Management can use significant judgment in the valuation process. Management bias, whether intentional or unintentional,
may result in inappropriate fair value measurements and consequently misstatements of earnings and equity capital. Without
reliable fair value estimates, the potential for misstatements in financial statements prepared using fair value measurements
will be even greater.
Consideration must be given to revenue recognition issues in a fair value system. It must be ensured that unearned revenue
is not recognised early as it recently was by certain high-tech companies.
As the variety and complexity of financial instruments increases, so does the need for independent verification of fair value
estimates. However, verification of valuations that are not based on observable market prices is very challenging. Users of
financial statements will need to place greater emphasis on understanding how assets and liabilities are measured and how
reliable these valuations are when making decisions based on them.
Disclosure
Fair values reflect point estimates and do not result in transparent financial statements. Additional disclosures are necessary
to bring meaning to these fair value estimates. These disclosures might include key drivers affecting valuations, fair-valuerange
estimates, and confidence levels. Another important disclosure consideration relates to changes in fair value amounts.
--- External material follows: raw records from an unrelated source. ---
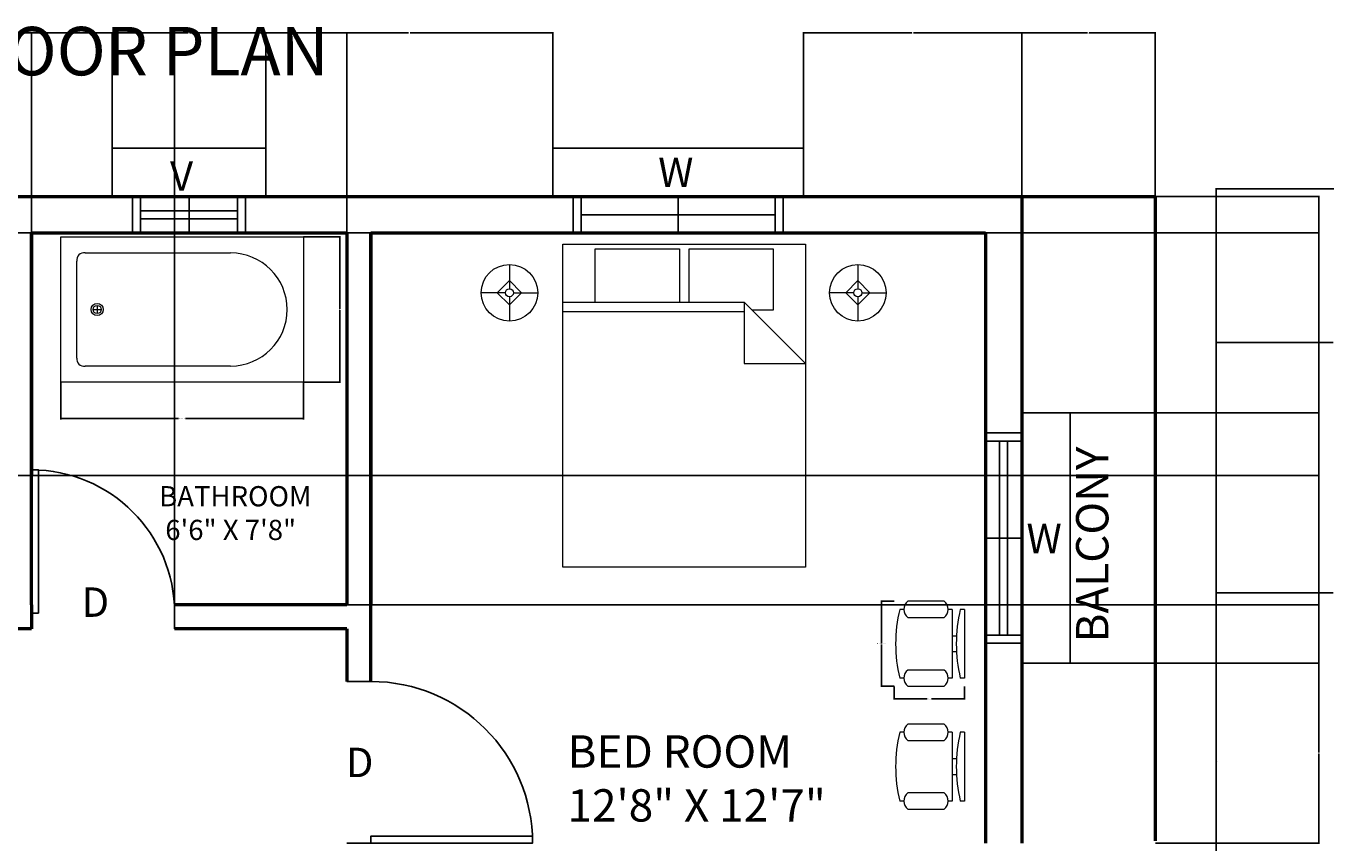
# Model space of a CAD drawing. Units: inches. Extents: x -73 to 1162, y -188 to 590.
# Tile 5 of 9: x 222 to 543, y -8 to 194. Entities that reach past the tile are written whole.
import ezdxf

# ---------------------------------------------------------------- set-up
doc = ezdxf.new("R2010")
doc.units = ezdxf.units.IN
doc.header["$MEASUREMENT"] = 0
for name, color, linetype, lineweight in [('A-ANNO-DIMS', 2, 'Continuous', 18), ('A-ANNO-TEXT', 7, 'Continuous', 25), ('A-AREA-IDEN', 2, 'Continuous', 25), ('A-DOOR', 3, 'Continuous', 25), ('A-FLOR-FIXT', 8, 'Continuous', 18), ('A-FURN', 8, 'Continuous', 18), ('A-GLAZ', 4, 'Continuous', 25), ('A-WALL', 7, 'Continuous', 50)]:
    doc.layers.add(name, color=color, linetype=linetype, lineweight=lineweight)
doc.styles.get("Standard").update_dxf_attribs({"font": 'arial.ttf'})
doc.dimstyles.get("Standard").update_dxf_attribs({"dimtxt": 0.18, "dimasz": 0.18, "dimexe": 0.18, "dimexo": 0.0625, "dimgap": 0.09, "dimtad": 0, "dimtih": 1, "dimtoh": 1, "dimdec": 1, "dimzin": 0, "dimdsep": 46, "dimlunit": 4, "dimtxsty": 'Standard', "dimcen": 0.09, "dimadec": 0, "dimazin": 0, "dimtfac": 1, "dimtdec": 1, "dimtofl": 0, "dimtmove": 0, "dimatfit": 3, "dimfxl": 1, "dimtolj": 1, "dimtzin": 0, "dimarcsym": 0})

# ---------------------------------------------------------------- blocks, each defined once
blk = doc.blocks.new('*U4')
for p, q in [((0, 0), (0, -100)), ((900, 0), (900, -100))]:
    blk.add_line(p, q)
blk.add_lwpolyline([(0, 0), (0, 900), (43.75, 900), (43.75, 0)], close=True)
blk.add_arc((0, 0), 900, 0, 90)
blk = doc.blocks.new('*U7')
for p, q in [((0, 0), (0, 6)), ((40, 0), (40, 6))]:
    blk.add_line(p, q)
blk.add_lwpolyline([(0, 0), (0, -40), (1.75, -40), (1.75, 0)], close=True)
blk.add_arc((0, 0), 40, 270, 360)
blk = doc.blocks.new('Bath Tub - 26 x 60 in.')
for p, q in [((8, -18), (10, -18)), ((9, -17), (9, -19))]:
    blk.add_line(p, q)
blk.add_lwpolyline([(0, -36), (0, 0), (60, 0), (60, -36)], close=True)
for points in [[(4, -30), (4, -6)], [(6, -4), (42, -4)], [(42, -32), (6, -32)]]:
    blk.add_lwpolyline(points)
for radius in [1.5, 1]:
    blk.add_circle((9, -18), radius)
for centre, radius, start, end in [((5.75, -5.75), 1.77, 81.8699, 188.1301), ((42, -18), 14, 270, 90), ((5.75, -30.25), 1.77, 171.8699, 278.1301)]:
    blk.add_arc(centre, radius, start, end)
blk = doc.blocks.new('Bed - Queen')
for p, q in [((0, -80.00003), (0, 0)), ((0, 0), (59.99999, 0)), ((59.99999, 0), (59.99999, -80.00003)), ((7.99999, -1.2), (28.79998, -1.2)), ((7.99999, -14.4), (7.99999, -1.2)), ((28.79998, -1.2), (28.79998, -14.4)), ((31.19999, -1.2), (51.99999, -1.2)), ((31.19999, -14.4), (31.19999, -1.2)), ((51.99999, -1.2), (51.99999, -16.4)), ((0, -14.4), (44.8, -14.4)), ((59.99999, -29.6), (44.8, -14.4)), ((44.8, -14.4), (44.8, -29.6)), ((44.8, -16.8), (0, -16.8)), ((51.99999, -16.4), (46.79936, -16.4)), ((44.8, -29.6), (59.99999, -29.6)), ((59.99999, -80.00003), (0, -80.00003))]:
    blk.add_line(p, q)
blk = doc.blocks.new('Lamp - Table')
for p, q in [((0, 7), (0, 1)), ((-1, 0), (-7, 0)), ((0, 3), (-3, 0)), ((-3, 0), (0, -3)), ((3, 0), (0, 3)), ((0, -3), (3, 0)), ((1, 0), (7, 0)), ((0, -1), (0, -7))]:
    blk.add_line(p, q)
for radius in [7, 1]:
    blk.add_circle((0, 0), radius)
blk = doc.blocks.new('Chair - Desk')
for p, q in [((-8.5, 0), (-8.5, -1)), ((-8.5, 0), (8.5, 0)), ((8.5, 0), (8.5, -1)), ((-8.5, -3), (-8.5, -4)), ((-8.5, -3), (8.5, -3)), ((-2, -3), (-2, -1.9355)), ((2, -1.9576), (2, -3)), ((8.5, -3), (8.5, -4)), ((-10.5, -5), (-10.5, -14)), ((-6.5, -14), (-6.5, -5)), ((6.5, -5), (6.5, -14)), ((10.5, -14), (10.5, -5)), ((-8.5, -15), (-8.5, -16)), ((8.5, -15), (8.5, -16))]:
    blk.add_line(p, q)
for centre, radius, start, end in [((0, 34.625), 36.625, 256.5803, 283.4197), ((-8.5, -6.5), 2.5, 36.8699, 143.1301), ((8.5, -6.5), 2.5, 36.8699, 143.1301), ((-8.5, -12.5), 2.5, 216.8699, 323.1301), ((0, 19.625), 36.625, 256.5803, 283.4197), ((8.5, -12.5), 2.5, 216.8699, 323.1301)]:
    blk.add_arc(centre, radius, start, end)
blk = doc.blocks.new('WIN-W')
for p, q in [((9, 57), (9, 62)), ((9, 62), (21, 62)), ((21, 62), (21, 0)), ((0, 57), (9, 57)), ((0, 5), (9, 5)), ((9, 5), (9, 0)), ((9, 0), (21, 0))]:
    blk.add_line(p, q)
blk = doc.blocks.new('VENT-V')
for p, q in [((0, 9), (0, 21)), ((38, 21), (0, 21)), ((38, 9), (38, 21)), ((5, 9), (0, 9)), ((5, 0), (5, 9)), ((33, 0), (33, 9)), ((33, 9), (38, 9))]:
    blk.add_line(p, q)
blk = doc.blocks.new('*D38')
at = {"layer": 'A-ANNO-DIMS', "color": 0, "lineweight": -2, "transparency": 16777216}
for p, q in [((436.58, 52.02), (433.32, 52.02)), ((433.5, 51.84), (433.5, 41.7)), ((433.5, 31.2), (433.5, 41.34)), ((436.58, 31.02), (433.32, 31.02))]:
    blk.add_line(p, q, dxfattribs=at)
at = {"layer": 'A-ANNO-DIMS', "color": 0, "transparency": 16777216}
for points in [[(433.47, 51.84), (433.53, 51.84), (433.5, 52.02)], [(433.47, 31.2), (433.53, 31.2), (433.5, 31.02)]]:
    blk.add_solid(points, dxfattribs=at)
at = {"layer": 'Defpoints', "color": 0, "transparency": 16777216}
for p in [(436.65, 52.02), (433.5, 31.02), (436.65, 31.02)]:
    blk.add_point(p, dxfattribs=at)
at = {"layer": 'A-ANNO-DIMS', "color": 0, "transparency": 16777216, "insert": (433.5, 41.52), "char_height": 0.18, "attachment_point": 5}
blk.add_mtext('\\A1;DESK CHAIR 21 TYP.', dxfattribs=at)
blk = doc.blocks.new('*D39')
at = {"layer": 'A-ANNO-DIMS', "color": 0, "lineweight": -2, "transparency": 16777216}
for p, q in [((436.65, 30.96), (436.65, 27.69)), ((453.98, 30.96), (453.98, 27.69)), ((436.83, 27.87), (444.79, 27.87)), ((453.8, 27.87), (445.83, 27.87))]:
    blk.add_line(p, q, dxfattribs=at)
at = {"layer": 'A-ANNO-DIMS', "color": 0, "transparency": 16777216}
for points in [[(436.83, 27.9), (436.83, 27.84), (436.65, 27.87)], [(453.8, 27.9), (453.8, 27.84), (453.98, 27.87)]]:
    blk.add_solid(points, dxfattribs=at)
at = {"layer": 'Defpoints', "color": 0, "transparency": 16777216}
for p in [(436.65, 31.02), (453.98, 31.02), (453.98, 27.87)]:
    blk.add_point(p, dxfattribs=at)
at = {"layer": 'A-ANNO-DIMS', "color": 0, "transparency": 16777216, "insert": (445.31, 27.87), "char_height": 0.18, "attachment_point": 5}
blk.add_mtext('\\A1;17 TYP.', dxfattribs=at)
blk = doc.blocks.new('*D52')
at = {"layer": 'A-ANNO-DIMS', "color": 0, "lineweight": -2, "transparency": 16777216}
for p, q in [((230.45, 106.17), (230.45, 97.05)), ((290.45, 106.17), (290.45, 97.05)), ((230.63, 97.23), (259.58, 97.23)), ((290.27, 97.23), (261.32, 97.23))]:
    blk.add_line(p, q, dxfattribs=at)
at = {"layer": 'A-ANNO-DIMS', "color": 0, "transparency": 16777216}
for points in [[(230.63, 97.26), (230.63, 97.2), (230.45, 97.23)], [(290.27, 97.26), (290.27, 97.2), (290.45, 97.23)]]:
    blk.add_solid(points, dxfattribs=at)
at = {"layer": 'Defpoints', "color": 0, "transparency": 16777216}
for p in [(230.45, 106.23), (290.45, 106.23), (290.45, 97.23)]:
    blk.add_point(p, dxfattribs=at)
at = {"layer": 'A-ANNO-DIMS', "color": 0, "transparency": 16777216, "insert": (260.45, 97.23), "char_height": 0.18, "attachment_point": 5}
blk.add_mtext('\\A1;BATH TUB 60', dxfattribs=at)
blk = doc.blocks.new('*D53')
at = {"layer": 'A-ANNO-DIMS', "color": 0, "lineweight": -2, "transparency": 16777216}
for p, q in [((290.51, 142.23), (299.63, 142.23)), ((299.45, 142.05), (299.45, 124.41)), ((299.45, 106.41), (299.45, 124.05)), ((290.51, 106.23), (299.63, 106.23))]:
    blk.add_line(p, q, dxfattribs=at)
at = {"layer": 'A-ANNO-DIMS', "color": 0, "transparency": 16777216}
for points in [[(299.42, 142.05), (299.48, 142.05), (299.45, 142.23)], [(299.42, 106.41), (299.48, 106.41), (299.45, 106.23)]]:
    blk.add_solid(points, dxfattribs=at)
at = {"layer": 'Defpoints', "color": 0, "transparency": 16777216}
for p in [(290.45, 142.23), (299.45, 142.23), (290.45, 106.23)]:
    blk.add_point(p, dxfattribs=at)
at = {"layer": 'A-ANNO-DIMS', "color": 0, "transparency": 16777216, "insert": (299.45, 124.23), "char_height": 0.18, "attachment_point": 5}
blk.add_mtext('\\A1;36', dxfattribs=at)
blk = doc.blocks.new('*D61')
at = {"layer": 'A-ANNO-DIMS', "color": 0, "lineweight": -2, "transparency": 16777216}
for p, q in [((197.17, 164.25), (197.17, 192.86)), ((197.35, 192.68), (219.95, 192.68)), ((242.99, 192.68), (220.39, 192.68)), ((243.17, 164.25), (243.17, 192.86))]:
    blk.add_line(p, q, dxfattribs=at)
at = {"layer": 'A-ANNO-DIMS', "color": 0, "transparency": 16777216}
for points in [[(197.35, 192.71), (197.35, 192.65), (197.17, 192.68)], [(242.99, 192.71), (242.99, 192.65), (243.17, 192.68)]]:
    blk.add_solid(points, dxfattribs=at)
at = {"layer": 'Defpoints', "color": 0, "transparency": 16777216}
for p in [(243.17, 192.68), (197.17, 164.18), (243.17, 164.18)]:
    blk.add_point(p, dxfattribs=at)
at = {"layer": 'A-ANNO-DIMS', "color": 0, "transparency": 16777216, "insert": (220.17, 192.68), "char_height": 0.18, "attachment_point": 5}
blk.add_mtext('\\A1;46', dxfattribs=at)
blk = doc.blocks.new('*D62')
at = {"layer": 'A-ANNO-DIMS', "color": 0, "lineweight": -2, "transparency": 16777216}
for p, q in [((281.17, 164.25), (281.17, 192.86)), ((281.35, 192.68), (316.47, 192.68)), ((351.99, 192.68), (316.87, 192.68)), ((352.17, 164.25), (352.17, 192.86))]:
    blk.add_line(p, q, dxfattribs=at)
at = {"layer": 'A-ANNO-DIMS', "color": 0, "transparency": 16777216}
for points in [[(281.35, 192.71), (281.35, 192.65), (281.17, 192.68)], [(351.99, 192.71), (351.99, 192.65), (352.17, 192.68)]]:
    blk.add_solid(points, dxfattribs=at)
at = {"layer": 'Defpoints', "color": 0, "transparency": 16777216}
for p in [(352.17, 192.68), (281.17, 164.18), (352.17, 164.18)]:
    blk.add_point(p, dxfattribs=at)
at = {"layer": 'A-ANNO-DIMS', "color": 0, "transparency": 16777216, "insert": (316.67, 192.68), "char_height": 0.18, "attachment_point": 5}
blk.add_mtext('\\A1;71', dxfattribs=at)
blk = doc.blocks.new('*D63')
at = {"layer": 'A-ANNO-DIMS', "color": 0, "lineweight": -2, "transparency": 16777216}
for p, q in [((414.17, 164.25), (414.17, 192.86)), ((414.35, 192.68), (440.95, 192.68)), ((467.99, 192.68), (441.39, 192.68)), ((468.17, 152.25), (468.17, 192.86))]:
    blk.add_line(p, q, dxfattribs=at)
at = {"layer": 'A-ANNO-DIMS', "color": 0, "transparency": 16777216}
for points in [[(414.35, 192.71), (414.35, 192.65), (414.17, 192.68)], [(467.99, 192.71), (467.99, 192.65), (468.17, 192.68)]]:
    blk.add_solid(points, dxfattribs=at)
at = {"layer": 'Defpoints', "color": 0, "transparency": 16777216}
for p in [(468.17, 192.68), (414.17, 164.18), (468.17, 152.18)]:
    blk.add_point(p, dxfattribs=at)
at = {"layer": 'A-ANNO-DIMS', "color": 0, "transparency": 16777216, "insert": (441.17, 192.68), "char_height": 0.18, "attachment_point": 5}
blk.add_mtext('\\A1;54', dxfattribs=at)
blk = doc.blocks.new('*D64')
at = {"layer": 'A-ANNO-DIMS', "color": 0, "lineweight": -2, "transparency": 16777216}
for p, q in [((468.17, 152.25), (468.17, 192.86)), ((468.35, 192.68), (484.45, 192.68)), ((500.99, 192.68), (484.89, 192.68)), ((501.17, 152.25), (501.17, 192.86))]:
    blk.add_line(p, q, dxfattribs=at)
at = {"layer": 'A-ANNO-DIMS', "color": 0, "transparency": 16777216}
for points in [[(468.35, 192.71), (468.35, 192.65), (468.17, 192.68)], [(500.99, 192.71), (500.99, 192.65), (501.17, 192.68)]]:
    blk.add_solid(points, dxfattribs=at)
at = {"layer": 'Defpoints', "color": 0, "transparency": 16777216}
for p in [(501.17, 192.68), (468.17, 152.18), (501.17, 152.18)]:
    blk.add_point(p, dxfattribs=at)
at = {"layer": 'A-ANNO-DIMS', "color": 0, "transparency": 16777216, "insert": (484.67, 192.68), "char_height": 0.18, "attachment_point": 5}
blk.add_mtext('\\A1;33', dxfattribs=at)
blk = doc.blocks.new('*D72')
at = {"layer": 'A-ANNO-DIMS', "color": 0, "lineweight": -2, "transparency": 16777216}
for p, q in [((501.23, 152.18), (541.85, 152.18)), ((541.67, 152), (541.67, 125.62)), ((541.67, 98.86), (541.67, 125.25)), ((480.23, 98.68), (541.85, 98.68))]:
    blk.add_line(p, q, dxfattribs=at)
at = {"layer": 'A-ANNO-DIMS', "color": 0, "transparency": 16777216}
for points in [[(541.64, 152), (541.7, 152), (541.67, 152.18)], [(541.64, 98.86), (541.7, 98.86), (541.67, 98.68)]]:
    blk.add_solid(points, dxfattribs=at)
at = {"layer": 'Defpoints', "color": 0, "transparency": 16777216}
for p in [(501.17, 152.18), (480.17, 98.68), (541.67, 98.68)]:
    blk.add_point(p, dxfattribs=at)
at = {"layer": 'A-ANNO-DIMS', "color": 0, "transparency": 16777216, "insert": (541.67, 125.43), "char_height": 0.18, "attachment_point": 5}
blk.add_mtext('\\A1;53.5', dxfattribs=at)
blk = doc.blocks.new('*D73')
at = {"layer": 'A-ANNO-DIMS', "color": 0, "lineweight": -2, "transparency": 16777216}
for p, q in [((480.23, 98.68), (541.85, 98.68)), ((541.67, 98.5), (541.67, 67.87)), ((541.67, 36.86), (541.67, 67.5)), ((480.23, 36.68), (541.85, 36.68))]:
    blk.add_line(p, q, dxfattribs=at)
at = {"layer": 'A-ANNO-DIMS', "color": 0, "transparency": 16777216}
for points in [[(541.64, 98.5), (541.7, 98.5), (541.67, 98.68)], [(541.64, 36.86), (541.7, 36.86), (541.67, 36.68)]]:
    blk.add_solid(points, dxfattribs=at)
at = {"layer": 'Defpoints', "color": 0, "transparency": 16777216}
for p in [(480.17, 98.68), (480.17, 36.68), (541.67, 36.68)]:
    blk.add_point(p, dxfattribs=at)
at = {"layer": 'A-ANNO-DIMS', "color": 0, "transparency": 16777216, "insert": (541.67, 67.68), "char_height": 0.18, "attachment_point": 5}
blk.add_mtext('\\A1;62', dxfattribs=at)
blk = doc.blocks.new('*D74')
at = {"layer": 'A-ANNO-DIMS', "color": 0, "lineweight": -2, "transparency": 16777216}
for p, q in [((480.23, 36.68), (541.85, 36.68)), ((541.67, 36.5), (541.67, 14.62)), ((541.67, -7.64), (541.67, 14.25)), ((501.23, -7.82), (541.85, -7.82))]:
    blk.add_line(p, q, dxfattribs=at)
at = {"layer": 'A-ANNO-DIMS', "color": 0, "transparency": 16777216}
for points in [[(541.64, 36.5), (541.7, 36.5), (541.67, 36.68)], [(541.64, -7.64), (541.7, -7.64), (541.67, -7.82)]]:
    blk.add_solid(points, dxfattribs=at)
at = {"layer": 'Defpoints', "color": 0, "transparency": 16777216}
for p in [(480.17, 36.68), (501.17, -7.82), (541.67, -7.82)]:
    blk.add_point(p, dxfattribs=at)
at = {"layer": 'A-ANNO-DIMS', "color": 0, "transparency": 16777216, "insert": (541.67, 14.43), "char_height": 0.18, "attachment_point": 5}
blk.add_mtext('\\A1;44.5', dxfattribs=at)
blk = doc.blocks.new('*D90')
at = {"layer": 'A-ANNO-DIMS', "color": 0, "lineweight": -2, "transparency": 16777216}
for p, q in [((217.17, 143.25), (217.17, 192.86)), ((217.35, 192.68), (220.02, 192.68)), ((222.99, 192.68), (220.32, 192.68)), ((223.17, 143.25), (223.17, 192.86))]:
    blk.add_line(p, q, dxfattribs=at)
at = {"layer": 'A-ANNO-DIMS', "color": 0, "transparency": 16777216}
for points in [[(217.35, 192.71), (217.35, 192.65), (217.17, 192.68)], [(222.99, 192.71), (222.99, 192.65), (223.17, 192.68)]]:
    blk.add_solid(points, dxfattribs=at)
at = {"layer": 'Defpoints', "color": 0, "transparency": 16777216}
for p in [(223.17, 192.68), (217.17, 143.18), (223.17, 143.18)]:
    blk.add_point(p, dxfattribs=at)
at = {"layer": 'A-ANNO-DIMS', "color": 0, "transparency": 16777216, "insert": (220.17, 192.68), "char_height": 0.18, "attachment_point": 5}
blk.add_mtext('\\A1;6', dxfattribs=at)
blk = doc.blocks.new('*D91')
at = {"layer": 'A-ANNO-DIMS', "color": 0, "lineweight": -2, "transparency": 16777216}
for p, q in [((223.17, 143.25), (223.17, 192.86)), ((223.35, 192.68), (261.95, 192.68)), ((300.99, 192.68), (262.39, 192.68)), ((301.17, 143.25), (301.17, 192.86))]:
    blk.add_line(p, q, dxfattribs=at)
at = {"layer": 'A-ANNO-DIMS', "color": 0, "transparency": 16777216}
for points in [[(223.35, 192.71), (223.35, 192.65), (223.17, 192.68)], [(300.99, 192.71), (300.99, 192.65), (301.17, 192.68)]]:
    blk.add_solid(points, dxfattribs=at)
at = {"layer": 'Defpoints', "color": 0, "transparency": 16777216}
for p in [(301.17, 192.68), (223.17, 143.18), (301.17, 143.18)]:
    blk.add_point(p, dxfattribs=at)
at = {"layer": 'A-ANNO-DIMS', "color": 0, "transparency": 16777216, "insert": (262.17, 192.68), "char_height": 0.18, "attachment_point": 5}
blk.add_mtext('\\A1;78', dxfattribs=at)
blk = doc.blocks.new('*D93')
at = {"layer": 'A-ANNO-DIMS', "color": 0, "lineweight": -2, "transparency": 16777216}
for p, q in [((139.23, 143.18), (541.85, 143.18)), ((541.67, 143), (541.67, 113.37)), ((541.67, 83.36), (541.67, 113)), ((139.23, 83.18), (541.85, 83.18))]:
    blk.add_line(p, q, dxfattribs=at)
at = {"layer": 'A-ANNO-DIMS', "color": 0, "transparency": 16777216}
for points in [[(541.64, 143), (541.7, 143), (541.67, 143.18)], [(541.64, 83.36), (541.7, 83.36), (541.67, 83.18)]]:
    blk.add_solid(points, dxfattribs=at)
at = {"layer": 'Defpoints', "color": 0, "transparency": 16777216}
for p in [(139.17, 143.18), (139.17, 83.18), (541.67, 83.18)]:
    blk.add_point(p, dxfattribs=at)
at = {"layer": 'A-ANNO-DIMS', "color": 0, "transparency": 16777216, "insert": (541.67, 113.18), "char_height": 0.18, "attachment_point": 5}
blk.add_mtext('\\A1;60', dxfattribs=at)
blk = doc.blocks.new('*D94')
at = {"layer": 'A-ANNO-DIMS', "color": 0, "lineweight": -2, "transparency": 16777216}
for p, q in [((301.23, 143.18), (541.85, 143.18)), ((541.67, 143), (541.67, 97.37)), ((541.67, 51.36), (541.67, 97)), ((301.23, 51.18), (541.85, 51.18))]:
    blk.add_line(p, q, dxfattribs=at)
at = {"layer": 'A-ANNO-DIMS', "color": 0, "transparency": 16777216}
for points in [[(541.64, 143), (541.7, 143), (541.67, 143.18)], [(541.64, 51.36), (541.7, 51.36), (541.67, 51.18)]]:
    blk.add_solid(points, dxfattribs=at)
at = {"layer": 'Defpoints', "color": 0, "transparency": 16777216}
for p in [(301.17, 143.18), (301.17, 51.18), (541.67, 51.18)]:
    blk.add_point(p, dxfattribs=at)
at = {"layer": 'A-ANNO-DIMS', "color": 0, "transparency": 16777216, "insert": (541.67, 97.18), "char_height": 0.18, "attachment_point": 5}
blk.add_mtext('\\A1;92', dxfattribs=at)
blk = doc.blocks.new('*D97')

For example, changes in fair values on securities can arise from movements in interest rates, foreign-currency rates, and credit
quality, as well as purchases and sales from the portfolio. For users to understand fair value estimates, they must be given
adequate disclosures about what factors caused the changes in fair value. It could be argued that the costs involved in
determining fair values may exceed the benefits derived therefrom. When considering how fair value information should be
presented in the financial statements, it is important to consider what type of financial information investors want. There are
indications that some investors desire both fair value information and historical cost information. One of the issues affecting
the credibility of fair value disclosures currently is that a number of companies include ‘health warnings’ with their disclosures
indicating that the information is not used by management. This language may contribute to users believing that the fair value
disclosures lack credibility.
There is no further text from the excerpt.